By default awk will split fields of a line on a space character, so if we add more elements to the print statement for awk it will print the respective rows:
[user@host ~]$ tail access_log | awk {'print $1 " " $9 " " $10'} colosus.iucc.ac.il 404 635 dsl-151-197-17-34.phila.adsl.bellatlantic.net 404 647 k0.fujitsu.co.jp 200 2616 cache-db02.proxy.aol.com 200 495150 1cust125.tnt10.phoenix.az.da.uu.net 200 2572 1cust125.tnt10.phoenix.az.da.uu.net 200 81189 cage.suso.org 200 1822 cage.suso.org 200 2216 ai-209-247-40-220.alexa.com 404 551 ai-209-247-40-220.alexa.com 301 326 [user@host ~]$
sed is a great program for substituting text. Like awk, it does a lot more than just one function, but you'll probably end up using it a lot for making substitutions in text.

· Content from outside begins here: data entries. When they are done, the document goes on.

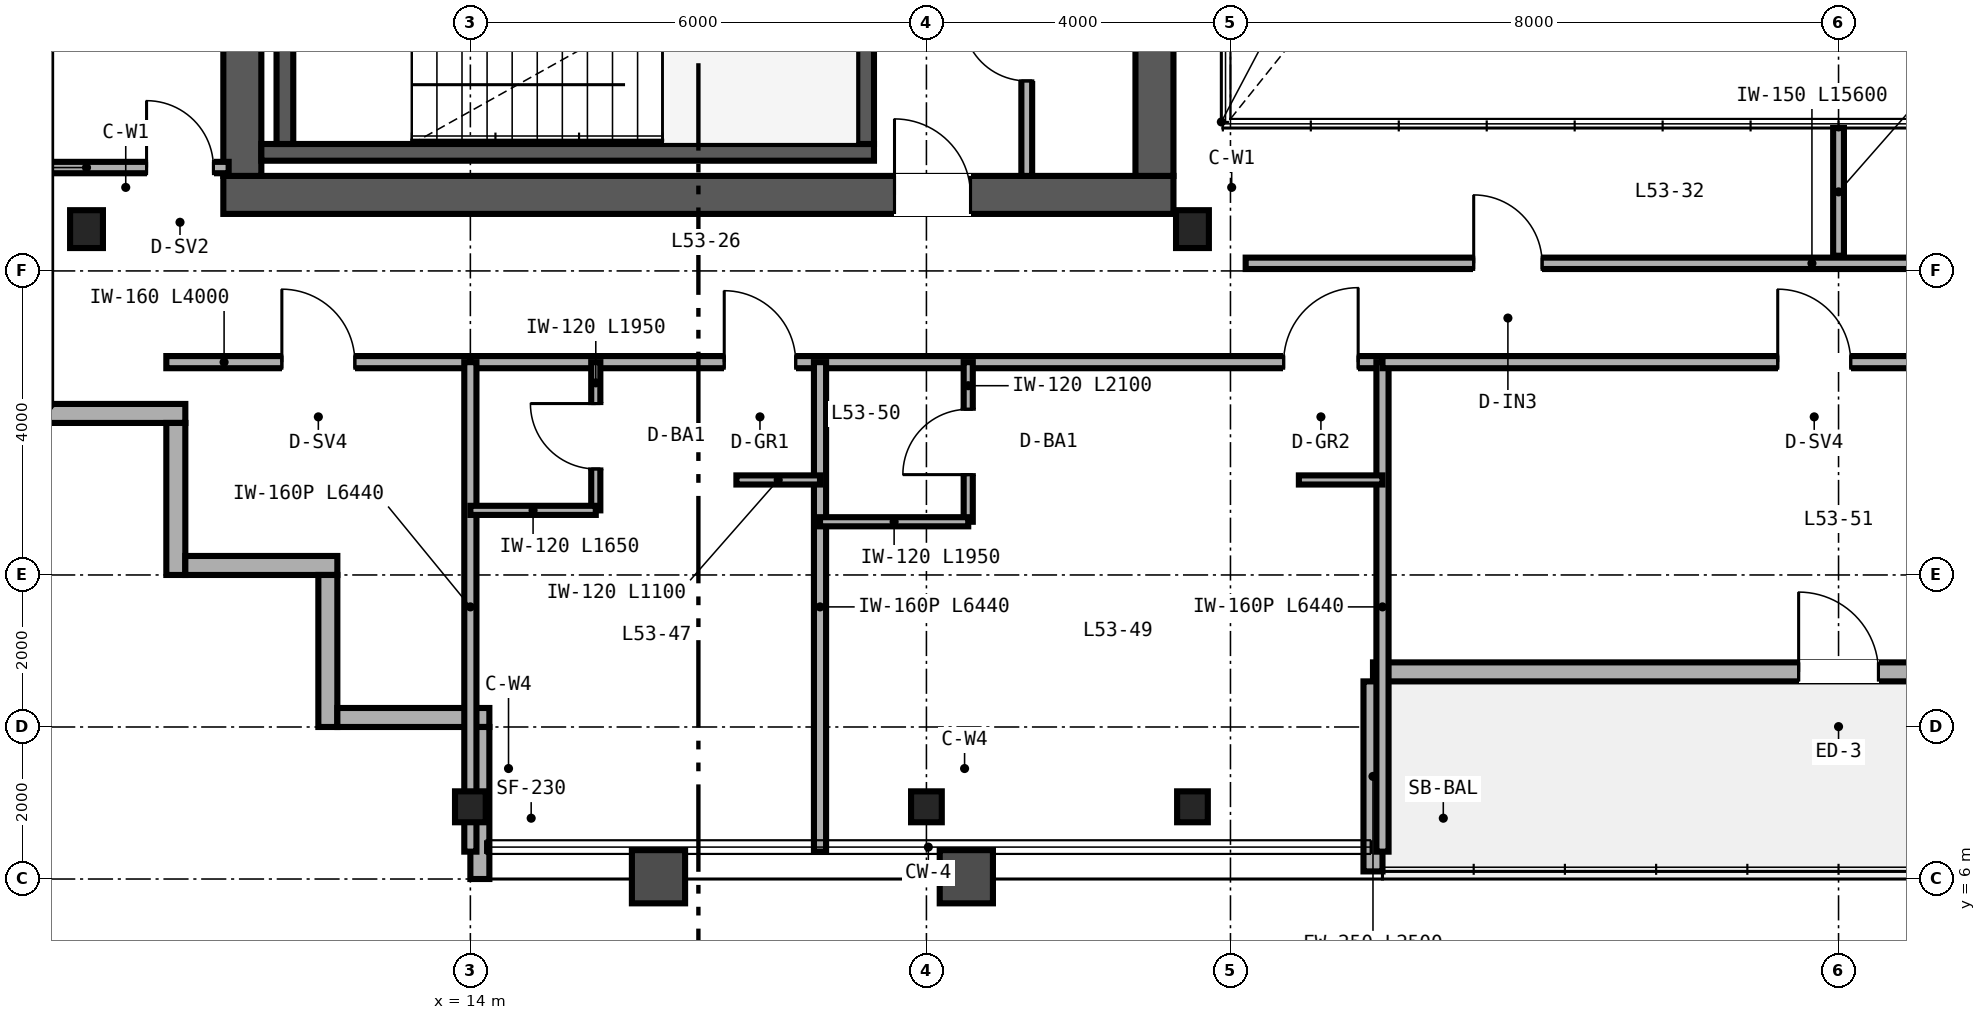
"""IFC4 building model, lengths in metres.
Left out: names, types, materials, properties, quantities, classifications, styles, units other than length and angle.
Written with IfcOpenShell. Run it as: python <this file> out.ifc"""

import sys

from ifc_helpers import new_model, si_unit, direction, frame, frame_2d, origin, origin_2d, place, context, subcontext, project, spatial, rectangle, i_section, extrude, source, transform, mapped, element, fill, save


model = new_model("IFC4")
c1 = context("Model", 3, precision=1e-05, world=origin(), true_north=direction((0.0, 1.0)))
c2 = subcontext(c1, "Body", "Model", "MODEL_VIEW")
j1 = project(units=[si_unit("LENGTHUNIT", "METRE"), si_unit("PLANEANGLEUNIT", "RADIAN")], contexts=[c1])
p1 = place(None, origin())
s1 = spatial("IfcSite", under=j1, at=p1, CompositionType="ELEMENT")
p2 = place(p1, origin())
s2 = spatial("IfcBuilding", under=s1, at=p2, CompositionType="ELEMENT")
p3 = place(p2, frame((0.0, 0.0, 210.0)))
s3 = spatial("IfcBuildingStorey", under=s2, at=p3, CompositionType="ELEMENT", Elevation=210.0)
p4 = place(p3, frame((10.75, 15.0, 0.0), z_axis=(0.0, 0.0, 1.0), x_axis=(1.0, 0.0, 0.0)))
e1 = element("IfcWall", 1, at=p4, inside=s3, PredefinedType="SHEAR", context=c2, shape_type="SweptSolid", body=[
    extrude(rectangle(XDim=12.5, YDim=0.5, at=frame_2d((6.25, 0.0))), origin(), (0.0, 0.0, 1.0), 3.37),
])
p5 = place(p4, frame((8.83, 0.0, 0.0)))
e2 = element("IfcOpeningElement", 2, at=p5, cuts=e1, PredefinedType="OPENING", context=c2, shape_type="SweptSolid", body=[
    extrude(rectangle(XDim=1.0, YDim=2.15, at=frame_2d((0.5, 1.075))), frame((0.0, 0.26, 0.0), z_axis=(0.0, -1.0, 0.0), x_axis=(1.0, 0.0, 0.0)), (0.0, 0.0, 1.0), 0.52),
])
for number, where, z_axis, x_axis in (
    (3, (11.0, 15.25, 0.0), (0.0, 0.0, 1.0), (0.0, 1.0, 0.0)),
    (4, (23.0, 15.25, 0.0), (0.0, 0.0, 1.0), (0.0, 1.0, 0.0)),
):
    element("IfcWall", number, at=place(p3, frame(where, z_axis=z_axis, x_axis=x_axis)), inside=s3, PredefinedType="SHEAR", context=c2, shape_type="SweptSolid", body=[
        extrude(rectangle(XDim=21.5, YDim=0.5, at=frame_2d((10.75, 0.0))), origin(), (0.0, 0.0, 1.0), 3.37),
    ])
p6 = place(p3, frame((11.25, 15.56, 0.0), z_axis=(0.0, 0.0, 1.0), x_axis=(1.0, 0.0, 0.0)))
e5 = element("IfcWall", 5, at=p6, inside=s3, PredefinedType="SHEAR", context=c2, shape_type="SweptSolid", body=[
    extrude(rectangle(XDim=8.06, YDim=0.22, at=frame_2d((4.03, 0.0))), origin(), (0.0, 0.0, 1.0), 3.4),
])
for number, where, z_axis, x_axis in (
    (6, (11.56, 15.67, 0.0), (0.0, 0.0, 1.0), (0.0, 1.0, 0.0)),
    (7, (19.2, 15.67, 0.0), (0.0, 0.0, 1.0), (0.0, 1.0, 0.0)),
):
    element("IfcWall", number, at=place(p3, frame(where, z_axis=z_axis, x_axis=x_axis)), inside=s3, PredefinedType="SHEAR", context=c2, shape_type="SweptSolid", body=[
        extrude(rectangle(XDim=3.28, YDim=0.22, at=frame_2d((1.64, 0.0))), origin(), (0.0, 0.0, 1.0), 3.4),
    ])
m1 = source(origin(), c2, "Body", "SweptSolid", [
    extrude(i_section(OverallWidth=0.432, OverallDepth=0.498, WebThickness=0.056, FlangeThickness=0.089, FilletRadius=0.025, at=origin_2d()), origin(), (0.0, 0.0, 1.0), 3.37),
])
for number, where, z_axis, x_axis in (
    (8, (8.95, 14.55, 0.0), (0.0, 0.0, 1.0), (1.0, 0.0, 0.0)),
    (9, (23.5, 14.55, 0.0), (0.0, 0.0, 1.0), (1.0, 0.0, 0.0)),
):
    element("IfcColumn", number, at=place(p3, frame(where, z_axis=z_axis, x_axis=x_axis)), inside=s3, PredefinedType="COLUMN", context=c2, shape_type="MappedRepresentation", body=[
        mapped(m1, transform((0.0, 0.0, 0.0), scale=1.0)),
    ])
m2 = source(origin(), c2, "Body", "SweptSolid", [
    extrude(i_section(OverallWidth=0.404, OverallDepth=0.407, WebThickness=0.027, FlangeThickness=0.044, FilletRadius=0.025, at=origin_2d()), origin(), (0.0, 0.0, 1.0), 3.37),
])
for number, where, z_axis, x_axis in (
    (10, (14.0, 6.95, 0.0), (0.0, 0.0, 1.0), (1.0, 0.0, 0.0)),
    (11, (20.0, 6.95, 0.0), (0.0, 0.0, 1.0), (1.0, 0.0, 0.0)),
    (12, (23.5, 6.95, 0.0), (0.0, 0.0, 1.0), (1.0, 0.0, 0.0)),
):
    element("IfcColumn", number, at=place(p3, frame(where, z_axis=z_axis, x_axis=x_axis)), inside=s3, PredefinedType="COLUMN", context=c2, shape_type="MappedRepresentation", body=[
        mapped(m2, transform((0.0, 0.0, 0.0), scale=1.0)),
    ])
p7 = place(p3, frame((8.0, 12.125, 0.0), z_axis=(0.0, 0.0, 1.0), x_axis=(1.0, 0.0, 0.0)))
e13 = element("IfcWall", 13, at=p7, inside=s3, PredefinedType="SOLIDWALL", context=c2, shape_type="SweptSolid", body=[
    extrude(rectangle(XDim=2.25, YDim=0.25, at=frame_2d((1.125, 0.0))), origin(), (0.0, 0.0, 1.0), 3.37),
])
for number, where, z_axis, x_axis in (
    (14, (10.125, 12.0, 0.0), (0.0, 0.0, 1.0), (0.0, -1.0, 0.0)),
    (15, (10.25, 10.125, 0.0), (0.0, 0.0, 1.0), (1.0, 0.0, 0.0)),
    (16, (12.125, 10.0, 0.0), (0.0, 0.0, 1.0), (0.0, -1.0, 0.0)),
    (17, (12.25, 8.125, 0.0), (0.0, 0.0, 1.0), (1.0, 0.0, 0.0)),
):
    element("IfcWall", number, at=place(p3, frame(where, z_axis=z_axis, x_axis=x_axis)), inside=s3, PredefinedType="SOLIDWALL", context=c2, shape_type="SweptSolid", body=[
        extrude(rectangle(XDim=2.0, YDim=0.25, at=frame_2d((1.0, 0.0))), origin(), (0.0, 0.0, 1.0), 3.37),
    ])
p8 = place(p3, frame((14.125, 8.0, 0.0), z_axis=(0.0, 0.0, 1.0), x_axis=(0.0, -1.0, 0.0)))
e18 = element("IfcWall", 18, at=p8, inside=s3, PredefinedType="SOLIDWALL", context=c2, shape_type="SweptSolid", body=[
    extrude(rectangle(XDim=2.0, YDim=0.25, at=frame_2d((1.0, 0.0))), origin(), (0.0, 0.0, 1.0), 2.677),
])
p9 = place(p3, frame((25.875, 8.725, 0.0), z_axis=(0.0, 0.0, 1.0), x_axis=(1.0, 0.0, 0.0)))
e19 = element("IfcWall", 19, at=p9, inside=s3, PredefinedType="SOLIDWALL", context=c2, shape_type="SweptSolid", body=[
    extrude(rectangle(XDim=12.25, YDim=0.25, at=frame_2d((6.125, 0.0))), origin(), (0.0, 0.0, 1.0), 3.37),
])
p10 = place(p9, frame((5.6, 0.0, 0.0)))
e20 = element("IfcOpeningElement", 20, at=p10, cuts=e19, PredefinedType="OPENING", context=c2, shape_type="SweptSolid", body=[
    extrude(rectangle(XDim=1.05, YDim=2.15, at=frame_2d((0.525, 1.075))), frame((0.0, 0.135, 0.0), z_axis=(0.0, -1.0, 0.0), x_axis=(1.0, 0.0, 0.0)), (0.0, 0.0, 1.0), 0.27),
])
p11 = place(p3, frame((25.875, 6.1, 0.0), z_axis=(0.0, 0.0, 1.0), x_axis=(0.0, 1.0, 0.0)))
e21 = element("IfcWall", 21, at=p11, inside=s3, PredefinedType="SOLIDWALL", context=c2, shape_type="SweptSolid", body=[
    extrude(rectangle(XDim=2.5, YDim=0.25, at=frame_2d((1.25, 0.0))), origin(), (0.0, 0.0, 1.0), 2.443),
])
p12 = place(p3, frame((21.32, 15.25, 0.0), z_axis=(0.0, 0.0, 1.0), x_axis=(0.0, 1.0, 0.0)))
e22 = element("IfcWall", 22, at=p12, inside=s3, PredefinedType="PARTITIONING", context=c2, shape_type="SweptSolid", body=[
    extrude(rectangle(XDim=3.59, YDim=0.142, at=frame_2d((1.795, 0.0))), origin(), (0.0, 0.0, 1.0), 3.37),
])
p13 = place(p12, frame((1.25, 0.0, 0.0)))
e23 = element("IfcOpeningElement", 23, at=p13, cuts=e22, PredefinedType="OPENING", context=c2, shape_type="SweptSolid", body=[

[user@host ~]$ cat names John Daggett, 341 King Road, Plymouth MA Alice Ford, 22 East Broadway, Richmond VA Orville Thomas, 11345 Oak Bridge Road, Tulsa OK Terry Kalkas, 402 Lans Road, Beaver Falls PA Eric Adams, 20 Post Road, Sudbury MA Hubert Sims, 328A Brook Road, Roanoke VA Amy Wilde, 334 Bayshore Pkwy, Mountain View CA Sal Carpenter, 73 6th Street, Boston MA
By using the 's' substitution command, we can substitute one string of characters with another. The 's' command takes two arguments delimited by '/' characters. What you are searching for goes in the first / / area and the second / / is the string that you want to replace it with. In this example, we substitute the two letter state abbreviations for MA and CA with their full name:
[user@host ~]$ cat names | sed 's/MA/Massachusetts/; s/CA/California/' John Daggett, 341 King Road, Plymouth Massachusetts Alice Ford, 22 East Broadway, Richmond VA Orville Thomas, 11345 Oak Bridge Road, Tulsa OK Terry Kalkas, 402 Lans Road, Beaver Falls PA Eric Adams, 20 Post Road, Sudbury Massachusetts Hubert Sims, 328A Brook Road, Roanoke VA Amy Wilde, 334 Bayshore Pkwy, Mountain View California Sal Carpenter, 73 6th Street, Boston Massachusetts
The previous example also shows how you can do multiple substitutions using the ; to seperate them. sed can also be useful is you want to fix syntax problems that stretch across all of your data. Notice that in the names file, the city doesn't have a comma after it, let's fix this:
[user@host ~]$ cat names | sed 's/ \([A-Z]\{2\}\)$/, \1/' John Daggett, 341 King Road, Plymouth, MA Alice Ford, 22 East Broadway, Richmond, VA Orville Thomas, 11345 Oak Bridge Road, Tulsa, OK Terry Kalkas, 402 Lans Road, Beaver Falls, PA Eric Adams, 20 Post Road, Sudbury, MA Hubert Sims, 328A Brook Road, Roanoke, VA Amy Wilde, 334 Bayshore Pkwy, Mountain View, CA Sal Carpenter, 73 6th Street, Boston, MA
The expression contains a few concepts that have been stated before but I will go over again. The first noticeable one is the use of the \( \) sequence. This will "remember" whatever is placed inside so that you can use it in the replacing expression. According to how many \( \) you used, you will need to use \1, \2, \3 and so on in the replacement expression.
The second thing is the character set [A-Z]. The [] expression means match any single character in that set. The A-Z part means that the set includes all characters from A through Z. Note, this is case sensitive and a-z will not match the same set of characters that A-Z will. If you just put [AZ] in, it will only match A or Z, not B, C, D, E, ... , W, X or Y.
The third part of the expression is the \{2\} part. This simply means the match must have 2 of the previous expression. The $ character at the end of the matching expression matches the end of the line.
Together this all means, match a space followed by exactly 2 characters that are from A through Z and are at the end of the line. In this file, as long as the format remains the same, it will only match the last field containing the state's abbreviation following the city name. So it is relatively easy to add the comma between those two fields.